# Makita LXPH01Z Cordless Hammer Drill Lithium Ion BHP452



## gino29 (Apr 5, 2013)

Greeting everyone,

"GRAB IT BEFORE IT'S TOO LATE"

I have 3 New Makita LXPH01Z Cordless Hammer Drill, 

Used by professional drywall-er & carpenter, is reasonably small to get into tight places. it has a nice power cut feature for voltages to low and spikes.

$65 Each ($100 at Home-depot)

My email: [email protected]


----------



## PrecisionTaping (Feb 2, 2012)

If anyone feels like getting ripped off! Please reply to the following ad! :thumbup::yes:


----------



## gino29 (Apr 5, 2013)

*Thank you for your unprofessional comment!*

Thank you for your unprofessional comment!


----------



## moore (Dec 2, 2010)

gino29 said:


> Thank you for your unprofessional comment!


 I'll give ya $30 for all 3!:yes:


----------



## mudslingr (Jul 18, 2010)

Same price. Delivered.

http://www.ebay.ca/itm/Makita-LXPH0...dless-1-2in-Hammer-Driver-Drill-/121047654275


----------



## jcampbell (Aug 26, 2012)

Buying a makita is like throwing your money away. Getting ripped off no mater what way you look at it.


----------



## Mudshark (Feb 8, 2009)

gino29 said:


> Thank you for your unprofessional comment!


:cowboy:
Hey Gino - appreciate you are out to be trying to sell something here but not sure you have the right forum to jump in on your first post and attempt to do so. As for Precision Taping, Brian is VERY professional. Just reacted I suppose to an unkown person jumping in and trying to sell used tools on his first post. Unless he thinks its the Makita tools that are a rip off. :laughing:


----------



## PrecisionTaping (Feb 2, 2012)

moore said:


> I'll give ya $30 for all 3!:yes:





mudslingr said:


> Same price. Delivered.
> 
> http://www.ebay.ca/itm/Makita-LXPH0...dless-1-2in-Hammer-Driver-Drill-/121047654275





jcampbell said:


> Buying a makita is like throwing your money away. Getting ripped off no mater what way you look at it.
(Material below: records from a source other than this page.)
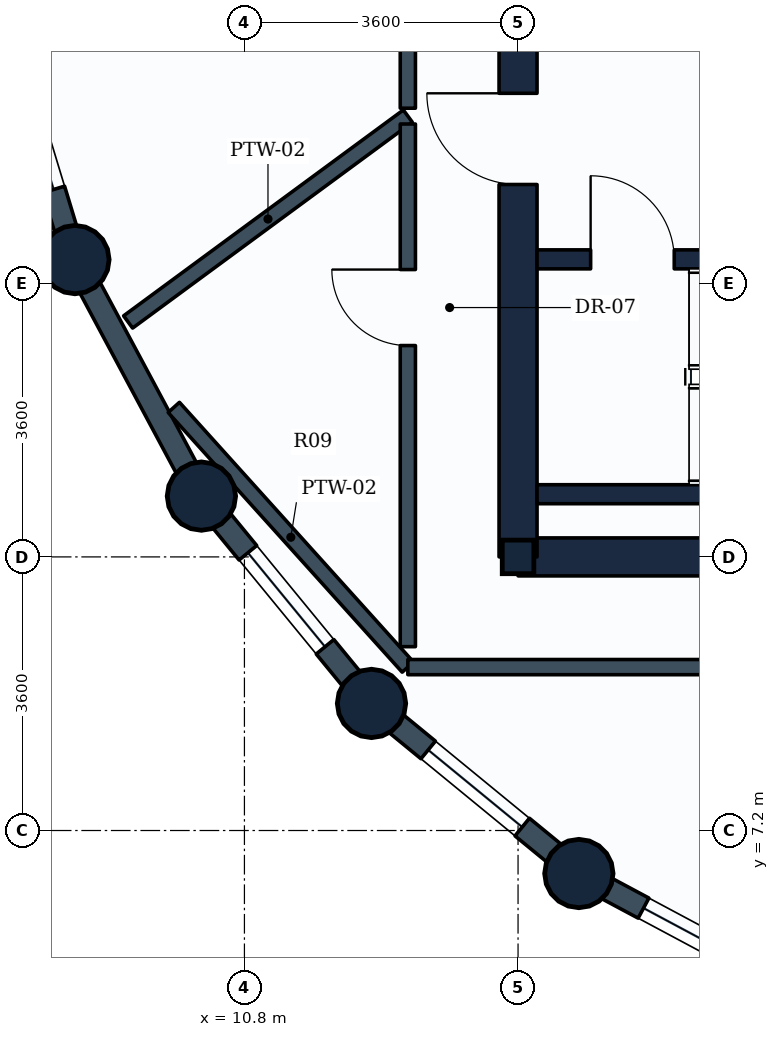
"""IFC4 building model, lengths in metres.
Left out: names, types, materials, properties, quantities, classifications, styles, units other than length and angle.
Written with IfcOpenShell. Run it as: python <this file> out.ifc"""

import sys

from ifc_helpers import new_model, si_unit, direction, frame, frame_2d, origin, origin_2d, place, context, subcontext, project, spatial, rectangle, circle, i_section, extrude, element, fill, save


model = new_model("IFC4")
c1 = context("Model", 3, precision=1e-05, world=origin(), true_north=direction((0.0, 1.0)))
c2 = subcontext(c1, "Body", "Model", "MODEL_VIEW")
j1 = project(units=[si_unit("LENGTHUNIT", "METRE"), si_unit("PLANEANGLEUNIT", "RADIAN")], contexts=[c1])
p1 = place(None, origin())
s1 = spatial("IfcSite", under=j1, at=p1, CompositionType="ELEMENT")
p2 = place(p1, origin())
s2 = spatial("IfcBuilding", under=s1, at=p2, CompositionType="ELEMENT")
p3 = place(p2, frame((0.0, 0.0, 131.4)))
s3 = spatial("IfcBuildingStorey", under=s2, at=p3, CompositionType="ELEMENT", Elevation=131.4)
for number, where, z_axis, x_axis in (
    (1, (8.57, 14.712, 0.0), (0.0, 0.0, 1.0), (1.0, 0.0, 0.0)),
    (2, (10.234, 11.6, 0.0), (0.0, 0.0, 1.0), (1.0, 0.0, 0.0)),
    (3, (12.472, 8.872, 0.0), (0.0, 0.0, 1.0), (1.0, 0.0, 0.0)),
):
    element("IfcColumn", number, at=place(p3, frame(where, z_axis=z_axis, x_axis=x_axis)), inside=s3, PredefinedType="COLUMN", context=c2, shape_type="SweptSolid", body=[
        extrude(circle(Radius=0.45, at=origin_2d()), origin(), (0.0, 0.0, 1.0), 3.8),
    ])
p4 = place(p3, frame((14.4, 10.8, 0.0), z_axis=(0.0, 0.0, 1.0), x_axis=(1.0, 0.0, 0.0)))
e4 = element("IfcColumn", 4, at=p4, inside=s3, PredefinedType="COLUMN", context=c2, shape_type="SweptSolid", body=[
    extrude(i_section(OverallWidth=0.416, OverallDepth=0.442, WebThickness=0.025, FlangeThickness=0.041, FilletRadius=0.015, at=origin_2d()), origin(), (0.0, 0.0, 1.0), 3.8),
])
p5 = place(p3, frame((15.2, 6.634, 0.0), z_axis=(0.0, 0.0, 1.0), x_axis=(1.0, 0.0, 0.0)))
e5 = element("IfcColumn", 5, at=p5, inside=s3, PredefinedType="COLUMN", context=c2, shape_type="SweptSolid", body=[
    extrude(circle(Radius=0.45, at=origin_2d()), origin(), (0.0, 0.0, 1.0), 3.8),
])
p6 = place(p3, frame((8.57, 14.712, 0.0), z_axis=(0.0, 0.0, 1.0), x_axis=(-0.290305086481, 0.956934144423, 0.0)))
e6 = element("IfcWall", 6, at=p6, inside=s3, PredefinedType="STANDARD", context=c2, shape_type="SweptSolid", body=[
    extrude(rectangle(XDim=3.528, YDim=0.3, at=frame_2d((1.764, 0.0))), origin(), (0.0, 0.0, 1.0), 2.93),
])
p7 = place(p6, frame((0.964, 0.0, 0.85)))
e7 = element("IfcOpeningElement", 7, at=p7, cuts=e6, PredefinedType="OPENING", context=c2, shape_type="SweptSolid", body=[
    extrude(rectangle(XDim=1.6, YDim=1.35, at=frame_2d((0.8, 0.675))), frame((0.0, 0.16, 0.0), z_axis=(0.0, -1.0, 0.0), x_axis=(1.0, 0.0, 0.0)), (0.0, 0.0, 1.0), 0.32),
])
p8 = place(p3, frame((10.234, 11.6, 0.0), z_axis=(0.0, 0.0, 1.0), x_axis=(-0.47151087309, 0.881860247748, 0.0)))
e8 = element("IfcWall", 8, at=p8, inside=s3, PredefinedType="STANDARD", context=c2, shape_type="SweptSolid", body=[
    extrude(rectangle(XDim=3.529, YDim=0.3, at=frame_2d((1.764, 0.0))), origin(), (0.0, 0.0, 1.0), 2.93),
])
p9 = place(p3, frame((12.472, 8.872, 0.0), z_axis=(0.0, 0.0, 1.0), x_axis=(-0.634258295121, 0.773121216285, 0.0)))
e9 = element("IfcWall", 9, at=p9, inside=s3, PredefinedType="STANDARD", context=c2, shape_type="SweptSolid", body=[
    extrude(rectangle(XDim=3.529, YDim=0.3, at=frame_2d((1.764, 0.0))), origin(), (0.0, 0.0, 1.0), 2.93),
])
p10 = place(p9, frame((0.964, 0.0, 0.85)))
e10 = element("IfcOpeningElement", 10, at=p10, cuts=e9, PredefinedType="OPENING", context=c2, shape_type="SweptSolid", body=[
    extrude(rectangle(XDim=1.6, YDim=1.35, at=frame_2d((0.8, 0.675))), frame((0.0, 0.16, 0.0), z_axis=(0.0, -1.0, 0.0), x_axis=(1.0, 0.0, 0.0)), (0.0, 0.0, 1.0), 0.32),
])
p11 = place(p3, frame((15.2, 6.634, 0.0), z_axis=(0.0, 0.0, 1.0), x_axis=(-0.773121216285, 0.634258295121, 0.0)))
e11 = element("IfcWall", 11, at=p11, inside=s3, PredefinedType="STANDARD", context=c2, shape_type="SweptSolid", body=[
    extrude(rectangle(XDim=3.529, YDim=0.3, at=frame_2d((1.764, 0.0))), origin(), (0.0, 0.0, 1.0), 2.93),
])
p12 = place(p11, frame((0.964, 0.0, 0.85)))
e12 = element("IfcOpeningElement", 12, at=p12, cuts=e11, PredefinedType="OPENING", context=c2, shape_type="SweptSolid", body=[
    extrude(rectangle(XDim=1.6, YDim=1.35, at=frame_2d((0.8, 0.675))), frame((0.0, 0.16, 0.0), z_axis=(0.0, -1.0, 0.0), x_axis=(1.0, 0.0, 0.0)), (0.0, 0.0, 1.0), 0.32),
])
p13 = place(p3, frame((18.312, 4.97, 0.0), z_axis=(0.0, 0.0, 1.0), x_axis=(-0.881846862014, 0.471535907389, 0.0)))
e13 = element("IfcWall", 13, at=p13, inside=s3, PredefinedType="STANDARD", context=c2, shape_type="SweptSolid", body=[
    extrude(rectangle(XDim=3.529, YDim=0.3, at=frame_2d((1.765, 0.0))), origin(), (0.0, 0.0, 1.0), 2.93),
])
p14 = place(p13, frame((0.964, 0.0, 0.85)))
e14 = element("IfcOpeningElement", 14, at=p14, cuts=e13, PredefinedType="OPENING", context=c2, shape_type="SweptSolid", body=[
    extrude(rectangle(XDim=1.6, YDim=1.35, at=frame_2d((0.8, 0.675))), frame((0.0, 0.16, 0.0), z_axis=(0.0, -1.0, 0.0), x_axis=(1.0, 0.0, 0.0)), (0.0, 0.0, 1.0), 0.32),
])
p15 = place(p3, frame((14.4, 10.8, 0.0), z_axis=(0.0, 0.0, 1.0), x_axis=(1.0, 0.0, 0.0)))
e15 = element("IfcWall", 15, at=p15, inside=s3, PredefinedType="SHEAR", context=c2, shape_type="SweptSolid", body=[
    extrude(rectangle(XDim=18.0, YDim=0.5, at=frame_2d((9.0, 0.0))), origin(), (0.0, 0.0, 1.0), 3.55),
])
p16 = place(p3, frame((14.4, 10.8, 0.0), z_axis=(0.0, 0.0, 1.0), x_axis=(0.0, 1.0, 0.0)))
e16 = element("IfcWall", 16, at=p16, inside=s3, PredefinedType="SHEAR", context=c2, shape_type="SweptSolid", body=[
    extrude(rectangle(XDim=14.4, YDim=0.5, at=frame_2d((7.2, 0.0))), origin(), (0.0, 0.0, 1.0), 3.55),
])
p17 = place(p16, frame((11.05, 0.0, 0.0)))
e17 = element("IfcOpeningElement", 17, at=p17, cuts=e16, PredefinedType="OPENING", context=c2, shape_type="SweptSolid", body=[
    extrude(rectangle(XDim=1.1, YDim=2.1, at=frame_2d((0.55, 1.05))), frame((0.0, 0.26, 0.0), z_axis=(0.0, -1.0, 0.0), x_axis=(1.0, 0.0, 0.0)), (0.0, 0.0, 1.0), 0.52),
])
p18 = place(p16, frame((4.9, 0.0, 0.0)))
e18 = element("IfcOpeningElement", 18, at=p18, cuts=e16, PredefinedType="OPENING", context=c2, shape_type="SweptSolid", body=[
    extrude(rectangle(XDim=1.2, YDim=2.1, at=frame_2d((0.6, 1.05))), frame((0.0, 0.26, 0.0), z_axis=(0.0, -1.0, 0.0), x_axis=(1.0, 0.0, 0.0)), (0.0, 0.0, 1.0), 0.52),
])
p19 = place(p16, frame((8.15, 0.0, 0.0)))
e19 = element("IfcOpeningElement", 19, at=p19, cuts=e16, PredefinedType="OPENING", context=c2, shape_type="SweptSolid", body=[
    extrude(rectangle(XDim=0.9, YDim=2.1, at=frame_2d((0.45, 1.05))), frame((0.0, 0.26, 0.0), z_axis=(0.0, -1.0, 0.0), x_axis=(1.0, 0.0, 0.0)), (0.0, 0.0, 1.0), 0.52),
])
p20 = place(p3, frame((14.65, 11.625, 0.0), z_axis=(0.0, 0.0, 1.0), x_axis=(1.0, 0.0, 0.0)))
e20 = element("IfcWall", 20, at=p20, inside=s3, PredefinedType="SHEAR", context=c2, shape_type="SweptSolid", body=[
    extrude(rectangle(XDim=8.7, YDim=0.25, at=frame_2d((4.35, 0.0))), origin(), (0.0, 0.0, 1.0), 3.55),
])
p21 = place(p3, frame((14.65, 14.715, 0.0), z_axis=(0.0, 0.0, 1.0), x_axis=(1.0, 0.0, 0.0)))
e21 = element("IfcWall", 21, at=p21, inside=s3, PredefinedType="SHEAR", context=c2, shape_type="SweptSolid", body=[
    extrude(rectangle(XDim=8.7, YDim=0.25, at=frame_2d((4.35, 0.0))), origin(), (0.0, 0.0, 1.0), 3.55),
])
p22 = place(p21, frame((0.705, 0.0, 0.0)))
e22 = element("IfcOpeningElement", 22, at=p22, cuts=e21, PredefinedType="OPENING", context=c2, shape_type="SweptSolid", body=[
    extrude(rectangle(XDim=1.1, YDim=2.1, at=frame_2d((0.55, 1.05))), frame((0.0, 0.135, 0.0), z_axis=(0.0, -1.0, 0.0), x_axis=(1.0, 0.0, 0.0)), (0.0, 0.0, 1.0), 0.27),
])
p23 = place(p3, frame((12.95, 9.35, 0.0), z_axis=(0.0, 0.0, 1.0), x_axis=(-0.669422074366, 0.742882282971, 0.0)))
e23 = element("IfcWall", 23, at=p23, inside=s3, PredefinedType="PARTITIONING", context=c2, shape_type="SweptSolid", body=[
    extrude(rectangle(XDim=4.6, YDim=0.2, at=frame_2d((2.3, 0.0))), origin(), (0.0, 0.0, 1.0), 2.93),
])
p24 = place(p3, frame((12.95, 16.6, 0.0), z_axis=(0.0, 0.0, 1.0), x_axis=(-0.805365932827, -0.592777963694, 0.0)))
e24 = element("IfcWall", 24, at=p24, inside=s3, PredefinedType="PARTITIONING", context=c2, shape_type="SweptSolid", body=[
    extrude(rectangle(XDim=4.57, YDim=0.2, at=frame_2d((2.285, 0.0))), origin(), (0.0, 0.0, 1.0), 2.93),
])
p25 = place(p3, frame((12.95, 16.704, 0.0), z_axis=(0.0, 0.0, 1.0), x_axis=(0.0, 1.0, 0.0)))
e25 = element("IfcWall", 25, at=p25, inside=s3, PredefinedType="PARTITIONING", context=c2, shape_type="SweptSolid", body=[
    extrude(rectangle(XDim=8.417, YDim=0.2, at=frame_2d((4.208, 0.0))), origin(), (0.0, 0.0, 1.0), 3.18),
])
p26 = place(p25, frame((3.696, 0.0, 0.0)))
e26 = element("IfcOpeningElement", 26, at=p26, cuts=e25, PredefinedType="OPENING", context=c2, shape_type="SweptSolid", body=[
    extrude(rectangle(XDim=1.0, YDim=2.1, at=frame_2d((0.5, 1.05))), frame((0.0, 0.11, 0.0), z_axis=(0.0, -1.0, 0.0), x_axis=(1.0, 0.0, 0.0)), (0.0, 0.0, 1.0), 0.22),
])
p27 = place(p3, frame((12.95, 9.619, 0.0), z_axis=(0.0, 0.0, 1.0), x_axis=(0.0, 1.0, 0.0)))
e27 = element("IfcWall", 27, at=p27, inside=s3, PredefinedType="PARTITIONING", context=c2, shape_type="SweptSolid", body=[
    extrude(rectangle(XDim=6.877, YDim=0.2, at=frame_2d((3.438, 0.0))), origin(), (0.0, 0.0, 1.0), 3.17),
])
p28 = place(p27, frame((3.962, 0.0, 0.0)))
e28 = element("IfcOpeningElement", 28, at=p28, cuts=e27, PredefinedType="OPENING", context=c2, shape_type="SweptSolid", body=[
    extrude(rectangle(XDim=1.0, YDim=2.1, at=frame_2d((0.5, 1.05))), frame((0.0, 0.11, 0.0), z_axis=(0.0, -1.0, 0.0), x_axis=(1.0, 0.0, 0.0)), (0.0, 0.0, 1.0), 0.22),
])
p29 = place(p3, frame((12.95, 9.35, 0.0), z_axis=(0.0, 0.0, 1.0), x_axis=(1.0, 0.0, 0.0)))
e29 = element("IfcWall", 29, at=p29, inside=s3, PredefinedType="PARTITIONING", context=c2, shape_type="SweptSolid", body=[
    extrude(rectangle(XDim=15.771, YDim=0.2, at=frame_2d((7.885, 0.0))), origin(), (0.0, 0.0, 1.0), 3.17),
])
p30 = place(p29, frame((4.836, 0.0, 0.0)))
e30 = element("IfcOpeningElement", 30, at=p30, cuts=e29, PredefinedType="OPENING", context=c2, shape_type="SweptSolid", body=[
    extrude(rectangle(XDim=1.0, YDim=2.1, at=frame_2d((0.5, 1.05))), frame((0.0, 0.11, 0.0), z_axis=(0.0, -1.0, 0.0), x_axis=(1.0, 0.0, 0.0)), (0.0, 0.0, 1.0), 0.22),
])
p31 = place(p7, origin())
e31 = element("IfcWindow", 31, at=p31, inside=s3, PartitioningType="SINGLE_PANEL", PredefinedType="WINDOW", context=c2, shape_type="SweptSolid", body=[
    extrude(rectangle(XDim=1.6, YDim=1.35, at=frame_2d((0.8, 0.675))), frame((0.0, 0.03, 0.0), z_axis=(0.0, -1.0, 0.0), x_axis=(1.0, 0.0, 0.0)), (0.0, 0.0, 1.0), 0.06),
])
fill(e7, e31)
p32 = place(p10, origin())
e32 = element("IfcWindow", 32, at=p32, inside=s3, PartitioningType="SINGLE_PANEL", PredefinedType="WINDOW", context=c2, shape_type="SweptSolid", body=[
    extrude(rectangle(XDim=1.6, YDim=1.35, at=frame_2d((0.8, 0.675))), frame((0.0, 0.03, 0.0), z_axis=(0.0, -1.0, 0.0), x_axis=(1.0, 0.0, 0.0)), (0.0, 0.0, 1.0), 0.06),
])
fill(e10, e32)
p33 = place(p12, origin())
e33 = element("IfcWindow", 33, at=p33, inside=s3, PartitioningType="SINGLE_PANEL", PredefinedType="WINDOW", context=c2, shape_type="SweptSolid", body=[
    extrude(rectangle(XDim=1.6, YDim=1.35, at=frame_2d((0.8, 0.675))), frame((0.0, 0.03, 0.0), z_axis=(0.0, -1.0, 0.0), x_axis=(1.0, 0.0, 0.0)), (0.0, 0.0, 1.0), 0.06),
])
fill(e12, e33)
p34 = place(p14, origin())
e34 = element("IfcWindow", 34, at=p34, inside=s3, PartitioningType="SINGLE_PANEL", PredefinedType="WINDOW", context=c2, shape_type="SweptSolid", body=[
    extrude(rectangle(XDim=1.6, YDim=1.35, at=frame_2d((0.8, 0.675))), frame((0.0, 0.03, 0.0), z_axis=(0.0, -1.0, 0.0), x_axis=(1.0, 0.0, 0.0)), (0.0, 0.0, 1.0), 0.06),
])
fill(e14, e34)
p35 = place(p22, origin())
e35 = element("IfcDoor", 35, at=p35, inside=s3, OperationType="SINGLE_SWING_LEFT", PredefinedType="DOOR", context=c2, shape_type="SweptSolid", body=[
    extrude(rectangle(XDim=1.1, YDim=2.1, at=frame_2d((0.55, 1.05))), frame((0.0, 0.025, 0.0), z_axis=(0.0, -1.0, 0.0), x_axis=(1.0, 0.0, 0.0)), (0.0, 0.0, 1.0), 0.05),
])
fill(e22, e35)
p36 = place(p18, origin())
e36 = element("IfcDoor", 36, at=p36, inside=s3, OperationType="SINGLE_SWING_RIGHT", PredefinedType="DOOR", context=c2, shape_type="SweptSolid", body=[
    extrude(rectangle(XDim=1.2, YDim=2.1, at=frame_2d((0.6, 1.05))), frame((0.0, 0.025, 0.0), z_axis=(0.0, -1.0, 0.0), x_axis=(1.0, 0.0, 0.0)), (0.0, 0.0, 1.0), 0.05),
])
fill(e18, e36)
p37 = place(p28, origin())
e37 = element("IfcDoor", 37, at=p37, inside=s3, OperationType="SINGLE_SWING_RIGHT", PredefinedType="DOOR", context=c2, shape_type="SweptSolid", body=[
    extrude(rectangle(XDim=1.0, YDim=2.1, at=frame_2d((0.5, 1.05))), frame((0.0, 0.025, 0.0), z_axis=(0.0, -1.0, 0.0), x_axis=(1.0, 0.0, 0.0)), (0.0, 0.0, 1.0), 0.05),
])
fill(e28, e37)
save(model, sys.argv[1])

And he thought I was unprofessional! :lol: :jester:


----------



## PrecisionTaping (Feb 2, 2012)

Mudshark said:


> :cowboy:
> Hey Gino - appreciate you are out to be trying to sell something here but not sure you have the right forum to jump in on your first post and attempt to do so. As for Precision Taping, Brian is VERY professional. Just reacted I suppose to an unkown person jumping in and trying to sell used tools on his first post. Unless he thinks its the Makita tools that are a rip off. :laughing:


Nailed it Ken!
I wouldn't go as far as saying I'm VERY professional though! :jester:

But ya, didn't mean to call you out Gino, fact of the matter is, if you were familiar with the site, you would know that there is a policy on not posting threads for selling items. There have been fraudulent attempts in the past and several trusting members have been taken advantage of. Although I am not necessarily assuming that these are your intentions, we are somewhat of an extended family on here and we look out for our own.

As was also mentioned, this was your first post, you have not participated or contributed to this site and these are typically the type's of fly-by-nighters who attempt these sort of things.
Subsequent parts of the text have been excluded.